A formação de auxiliar de logística será realizada em parceria com o Centro Paula Souza pelo programa QB FIC. O horário das aulas permite a participação de quem trabalha ou estuda durante o dia, mas exige presença das 18h às 22h.

Segundo a Prefeitura de Cubatão, as inscrições começam às 9h de quinta-feira no PAT da cidade. Serão oferecidas 30 vagas, com prioridade para moradores do município.

Podem se candidatar pessoas com 16 anos ou mais. O atendimento ocorre por ordem de chegada até as 16h, e quem ficar além da capacidade será colocado em lista de espera.

Curso de logística em Cubatão exige inscrição presencial

O interessado deve levar documento oficial com foto e comprovante de residência ao PAT-Cubatão, na Avenida Doutor Fernando Costa, 1.096, Vila Couto. O mesmo endereço receberá as aulas no auditório da secretaria.
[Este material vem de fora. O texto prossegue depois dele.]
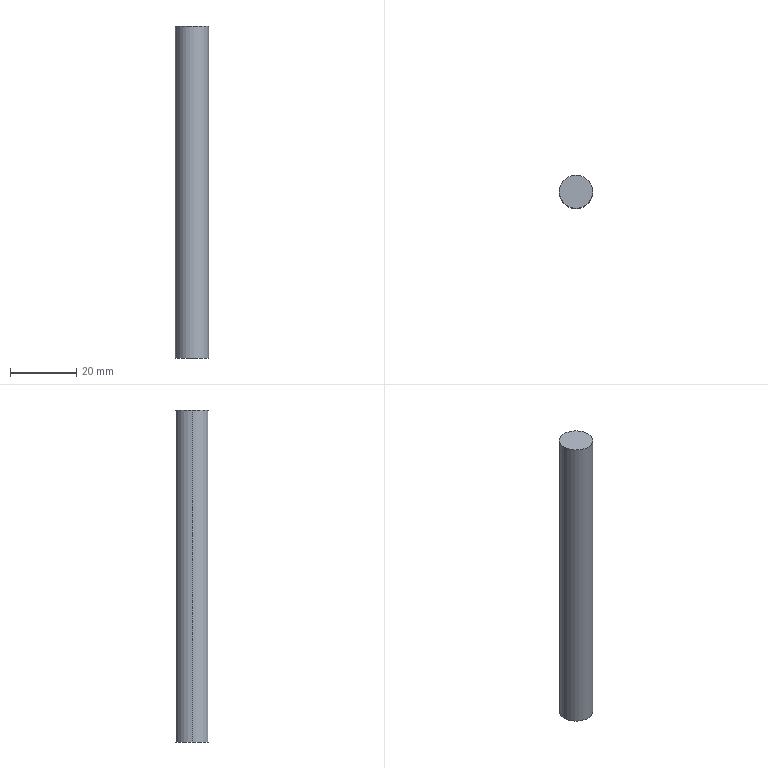Component | SolidWorks | CenterAxis-1 | 1 solid | 4 faces | box 10 x 10 x 100 mm | volume 7854 mm3 | cylinder 2 | plane 2 | commonest cylinder face diameters 10 x2
build123d program:
from build123d import *

# Parameters (mm, degrees)
SKETCH1_R           = 5
BOSS_EXTRUDE1_DEPTH = 100


with BuildPart() as part:
    # Sketch1 → Boss-Extrude1 (new body)
    with BuildSketch(Plane.XY):
        Circle(SKETCH1_R)
    extrude(amount=BOSS_EXTRUDE1_DEPTH)


solid = part.part

# Placed as in the assembly
solid = solid.moved(Location((1.903, -27.983, -2.5), (0, 0, 0)))
STEP:
#1=COLOUR_RGB('',0.7922,0.8196,0.9333);
#2=FILL_AREA_STYLE_COLOUR('',#1);
#3=FILL_AREA_STYLE('',(#2));
#4=SURFACE_STYLE_FILL_AREA(#3);
#5=SURFACE_SIDE_STYLE('',(#4));
#6=SURFACE_STYLE_USAGE(.BOTH.,#5);
#7=PRESENTATION_STYLE_ASSIGNMENT((#6));
#8=CARTESIAN_POINT('',(0.2718,-1.102,3.839));
#9=VERTEX_POINT('',#8);
#10=CARTESIAN_POINT('',(-0.1219,-1.102,3.839));
#11=VERTEX_POINT('',#10);
#12=CARTESIAN_POINT('',(0.07493,-1.102,3.839));
#13=DIRECTION('',(0.,0.,1.));
#14=DIRECTION('',(1.,0.,0.));
#15=AXIS2_PLACEMENT_3D('',#12,#13,#14);
#16=CIRCLE('',#15,0.1969);
#17=EDGE_CURVE('',#9,#11,#16,.T.);
#18=ORIENTED_EDGE('',*,*,#17,.F.);
#19=CARTESIAN_POINT('',(0.2718,-1.102,-0.09843));
#20=VERTEX_POINT('',#19);
#21=CARTESIAN_POINT('',(0.2718,-1.102,3.839));
#22=DIRECTION('',(0.,0.,-1.));
#23=VECTOR('',#22,39.37);
#24=LINE('',#21,#23);
#25=EDGE_CURVE('',#9,#20,#24,.T.);
#26=ORIENTED_EDGE('',*,*,#25,.T.);
#27=CARTESIAN_POINT('',(-0.1219,-1.102,-0.09843));
#28=VERTEX_POINT('',#27);
#29=CARTESIAN_POINT('',(0.07493,-1.102,-0.09843));
#30=DIRECTION('',(0.,0.,1.));
#31=DIRECTION('',(1.,0.,0.));
#32=AXIS2_PLACEMENT_3D('',#29,#30,#31);
#33=CIRCLE('',#32,0.1969);
#34=EDGE_CURVE('',#20,#28,#33,.T.);
#35=ORIENTED_EDGE('',*,*,#34,.T.);
#36=CARTESIAN_POINT('',(-0.1219,-1.102,3.839));
#37=DIRECTION('',(0.,0.,-1.));
#38=VECTOR('',#37,39.37);
#39=LINE('',#36,#38);
#40=EDGE_CURVE('',#11,#28,#39,.T.);
#41=ORIENTED_EDGE('',*,*,#40,.F.);
#42=EDGE_LOOP('',(#18,#26,#35,#41));
#43=FACE_OUTER_BOUND('',#42,.T.);
#44=CARTESIAN_POINT('',(0.07493,-1.102,3.839));
#45=DIRECTION('',(0.,0.,-1.));
#46=DIRECTION('',(-1.,0.,0.));
#47=AXIS2_PLACEMENT_3D('',#44,#45,#46);
#48=CYLINDRICAL_SURFACE('',#47,0.1969);
#49=ADVANCED_FACE('',(#43),#48,.T.);
#50=ORIENTED_EDGE('',*,*,#25,.F.);
#51=CARTESIAN_POINT('',(0.07493,-1.102,3.839));
#52=DIRECTION('',(0.,0.,1.));
#53=DIRECTION('',(1.,0.,0.));
#54=AXIS2_PLACEMENT_3D('',#51,#52,#53);
#55=CIRCLE('',#54,0.1969);
#56=EDGE_CURVE('',#11,#9,#55,.T.);
#57=ORIENTED_EDGE('',*,*,#56,.F.);
#58=ORIENTED_EDGE('',*,*,#40,.T.);
#59=CARTESIAN_POINT('',(0.07493,-1.102,-0.09843));
#60=DIRECTION('',(0.,0.,1.));
#61=DIRECTION('',(1.,0.,0.));
#62=AXIS2_PLACEMENT_3D('',#59,#60,#61);
#63=CIRCLE('',#62,0.1969);
#64=EDGE_CURVE('',#28,#20,#63,.T.);
#65=ORIENTED_EDGE('',*,*,#64,.T.);
#66=EDGE_LOOP('',(#50,#57,#58,#65));
#67=FACE_OUTER_BOUND('',#66,.T.);
#68=CARTESIAN_POINT('',(0.07493,-1.102,3.839));
#69=DIRECTION('',(0.,0.,-1.));
#70=DIRECTION('',(-1.,0.,0.));
#71=AXIS2_PLACEMENT_3D('',#68,#69,#70);
#72=CYLINDRICAL_SURFACE('',#71,0.1969);
#73=ADVANCED_FACE('',(#67),#72,.T.);
#74=ORIENTED_EDGE('',*,*,#56,.T.);
#75=ORIENTED_EDGE('',*,*,#17,.T.);
#76=EDGE_LOOP('',(#74,#75));
#77=FACE_OUTER_BOUND('',#76,.T.);
#78=CARTESIAN_POINT('',(0.07493,-1.102,3.839));
#79=DIRECTION('',(0.,0.,1.));
#80=DIRECTION('',(1.,0.,0.));
#81=AXIS2_PLACEMENT_3D('',#78,#79,#80);
#82=PLANE('',#81);
#83=ADVANCED_FACE('',(#77),#82,.T.);
#84=ORIENTED_EDGE('',*,*,#64,.F.);
#85=ORIENTED_EDGE('',*,*,#34,.F.);
#86=EDGE_LOOP('',(#84,#85));
#87=FACE_OUTER_BOUND('',#86,.T.);
#88=CARTESIAN_POINT('',(0.07493,-1.102,-0.09843));
#89=DIRECTION('',(0.,0.,1.));
#90=DIRECTION('',(1.,0.,0.));
#91=AXIS2_PLACEMENT_3D('',#88,#89,#90);
#92=PLANE('',#91);
#93=ADVANCED_FACE('',(#87),#92,.F.);
#94=CLOSED_SHELL('',(#49,#73,#83,#93));
#95=MANIFOLD_SOLID_BREP('',#94);
#96=STYLED_ITEM('',(#7),#95);
#97=PRESENTATION_LAYER_ASSIGNMENT('','',(#96));
#98=(LENGTH_UNIT()NAMED_UNIT(*)SI_UNIT($,.METRE.));
#99=LENGTH_MEASURE_WITH_UNIT(LENGTH_MEASURE(0.0254),#98);
#100=DIMENSIONAL_EXPONENTS(1.,0.,0.,0.,0.,0.,0.);
#101=(CONVERSION_BASED_UNIT('',#99)LENGTH_UNIT()NAMED_UNIT(#100));
#102=UNCERTAINTY_MEASURE_WITH_UNIT(LENGTH_MEASURE(0.00001),#101,'','');
#103=(NAMED_UNIT(*)PLANE_ANGLE_UNIT()SI_UNIT($,.RADIAN.));
#104=(NAMED_UNIT(*)SI_UNIT($,.STERADIAN.)SOLID_ANGLE_UNIT());
#105=(GEOMETRIC_REPRESENTATION_CONTEXT(3)GLOBAL_UNCERTAINTY_ASSIGNED_CONTEXT((#102))GLOBAL_UNIT_ASSIGNED_CONTEXT((#101,#103,#104))REPRESENTATION_CONTEXT('',''));
#106=MECHANICAL_DESIGN_GEOMETRIC_PRESENTATION_REPRESENTATION('',(#96),#105);
#107=CARTESIAN_POINT('',(0.,0.,0.));
#108=DIRECTION('',(0.,0.,1.));
#109=DIRECTION('',(1.,0.,0.));
#110=AXIS2_PLACEMENT_3D('',#107,#108,#109);
#111=(LENGTH_UNIT()NAMED_UNIT(*)SI_UNIT($,.METRE.));
#112=LENGTH_MEASURE_WITH_UNIT(LENGTH_MEASURE(0.0254),#111);
#113=DIMENSIONAL_EXPONENTS(1.,0.,0.,0.,0.,0.,0.);
#114=(CONVERSION_BASED_UNIT('',#112)LENGTH_UNIT()NAMED_UNIT(#113));
#115=UNCERTAINTY_MEASURE_WITH_UNIT(LENGTH_MEASURE(0.00001),#114,'','');
#116=(NAMED_UNIT(*)PLANE_ANGLE_UNIT()SI_UNIT($,.RADIAN.));
#117=(NAMED_UNIT(*)SI_UNIT($,.STERADIAN.)SOLID_ANGLE_UNIT());
#118=(GEOMETRIC_REPRESENTATION_CONTEXT(3)GLOBAL_UNCERTAINTY_ASSIGNED_CONTEXT((#115))GLOBAL_UNIT_ASSIGNED_CONTEXT((#114,#116,#117))REPRESENTATION_CONTEXT('',''));
#119=ADVANCED_BREP_SHAPE_REPRESENTATION('',(#95,#110),#118);

Como a ordem de chegada define as vagas, preparar os documentos antes evita perder posição por falta de comprovante. Moradores possuem prioridade, e a lista de espera preserva a sequência de quem comparecer depois.

Turma de capacitação em corredor de armazém logístico

A capacitação ocorrerá presencialmente de 14 a 29 de setembro, sempre das 18h às 22h. Antes de se inscrever, a pessoa precisa conferir transporte e disponibilidade para cumprir a jornada durante duas semanas.

Quatro horas por noite concentram conteúdo e prática. Ausência em poucos dias pode representar parte grande da carga, por isso a decisão deve considerar rotina familiar, trabalho e tempo de deslocamento.

A gratuidade elimina mensalidade, mas não todos os custos. Passagem, alimentação e organização de horário continuam na conta do aluno. Planejar esses detalhes aumenta a chance de concluir a formação.

O curso ensina atividades de recebimento, armazenamento, organização de estoque, movimentação de materiais, separação, expedição e apoio ao transporte. São tarefas presentes em indústrias, centros de distribuição, terminais e comércio.

Cidade vive no encontro entre indústria e porto

Cubatão ocupa uma posição particular na Baixada Santista. O município reúne instalações industriais, acessos rodoviários e proximidade com o Porto de Santos, formando uma rede de entrada, processamento e saída de mercadorias.

Nessa cadeia, material precisa chegar no momento certo, ser identificado, armazenado com segurança e seguir ao destino sem perda. Uma falha de estoque pode interromper produção; uma separação errada pode atrasar embarque.

Alunos acompanham explicação prática em centro logístico

O auxiliar trabalha perto desse fluxo. Ele confere volumes, registra movimentações, organiza endereços e prepara expedição sob orientação da equipe. Atenção e disciplina pesam tanto quanto força física.

A modernização acrescentou leitores, sistemas de gestão e rastreamento. Portanto, o profissional precisa combinar operação manual com uso de informação. Saber onde está cada item é parte central do valor logístico.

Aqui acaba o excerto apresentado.